Cari amici oggi per la nostra rubrica intervisteremo una persona davvero speciale, dotata di un grande carisma, intraprendenza e voglia di successo!

Vi presento Martina Grasselli la designer e creatrice del marchio Coliac.

Intervistando Martina mi è sembrato di rivedere in Lei un personaggio della saga della Isabelle Allende, dove le donne sono protagoniste assolute e relegano gli uomini a compagni di vita, sono loro a decidere le sorti di una famiglia, anzi di una intera storia familiare. Capirete il perché leggendo.

Martina nasce a Reggio Emilia dove frequenta l’istituto d’arte con indirizzo Arredamento-architettura, “l‘arte è la fonte continua e costante di ogni mia ricerca e di ogni mia ispirazione”.

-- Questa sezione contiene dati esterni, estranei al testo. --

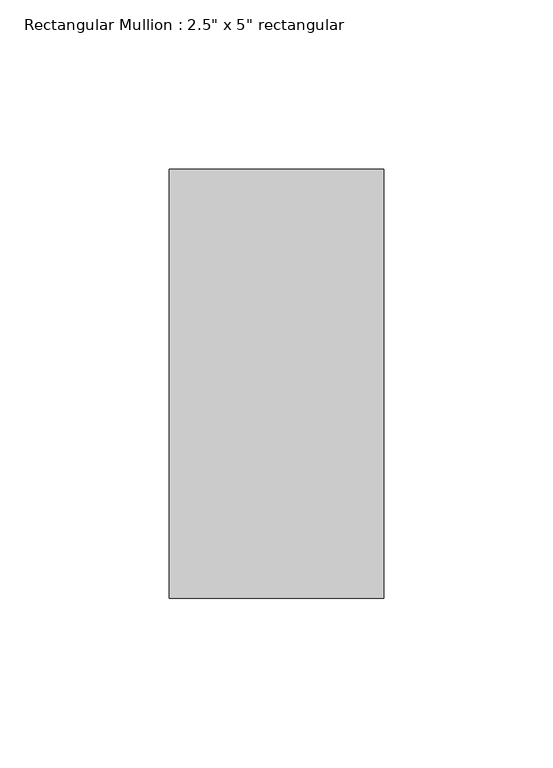
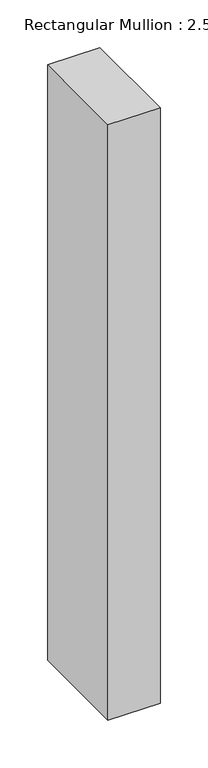
"""IFC4 building model written with IfcOpenShell, lengths in millimetres: member geometry."""

from ifc_helpers import new_model, si_unit, frame, origin, place, context, project, spatial, polyline, outline, extrude, source, transform, mapped, element, save


def member_2c21e81d(model_context):
    return source(origin(), model_context, "Body", "SweptSolid", [
        extrude(outline(polyline([(31.75, 63.5), (31.75, -63.5), (-31.75, -63.5), (-31.75, 63.5), (31.75, 63.5)])), frame((0.0, 0.0, -764.1166667), z_axis=(0.0, 0.0, 1.0), x_axis=(1.0, 0.0, 0.0)), (0.0, 0.0, 1.0), 764.1166667),
    ])


if __name__ == "__main__":
    model = new_model("IFC4")
    model_context = context("Model", 3, world=origin())
    ifc_project = project(units=[si_unit("LENGTHUNIT", "METRE", prefix="MILLI")], contexts=[model_context])
    site = spatial("IfcSite", under=ifc_project)
    building = spatial("IfcBuilding", under=site)
    placement = place(None, origin())
    member_shape = member_2c21e81d(model_context)
    element("IfcMember", 1, ObjectType="Rectangular Mullion : 2.5\" x 5\" rectangular", at=placement, inside=building, context=model_context, shape_type="MappedRepresentation", body=[
        mapped(member_shape, transform((0.0, 0.0, 0.0), x_axis=(1.0, 0.0, 0.0), y_axis=(0.0, 1.0, 0.0), z_axis=(0.0, 0.0, 1.0))),
    ])
    save(model, "model.ifc")

# Revit data of these elements
# Type "Rectangular Mullion : 2.5\" x 5\" rectangular"
#   built-in parameter 1007304 = 0.416667 (stored number, unit not read)
#   built-in parameter 1007301 = 0.104167 (stored number, unit not read)
#   built-in parameter 1007300 = 0.104167 (stored number, unit not read)
# Element 1 (IfcMember, "Rectangular Mullion : 2.5\" x 5\" rectangular")
#   Materials on its faces: "Aluminum"
# Materials
#   "Aluminum": class "Metal", colour RGB 247 247 247, transparency 0, Description = "Aluminum 6061", Cost = 0

La creatività e l’arte sono sin da bambina quasi un chiodo fisso, infatti ci confessa che sognava di fare la pittrice o “comunque qualcosa sempre legato all’arte ma soprattutto qualcosa che mi desse la possibilità di esprimermi e di essere autonoma….avevo già le idee molto chiare oltre che essere irrequieta e testarda”.

Dopo il diploma prova il corso dell’Accademia di Belle arti di Bologna, ma dopo un anno si trasferisce a Milano e frequenta La NABA, la Nuova Accademia di Belle Arti di Milano seguendo il corso di Fashion and Textile Design. “Mi sono laureata nel 2006 e tre mesi dopo tutto è cominciato”.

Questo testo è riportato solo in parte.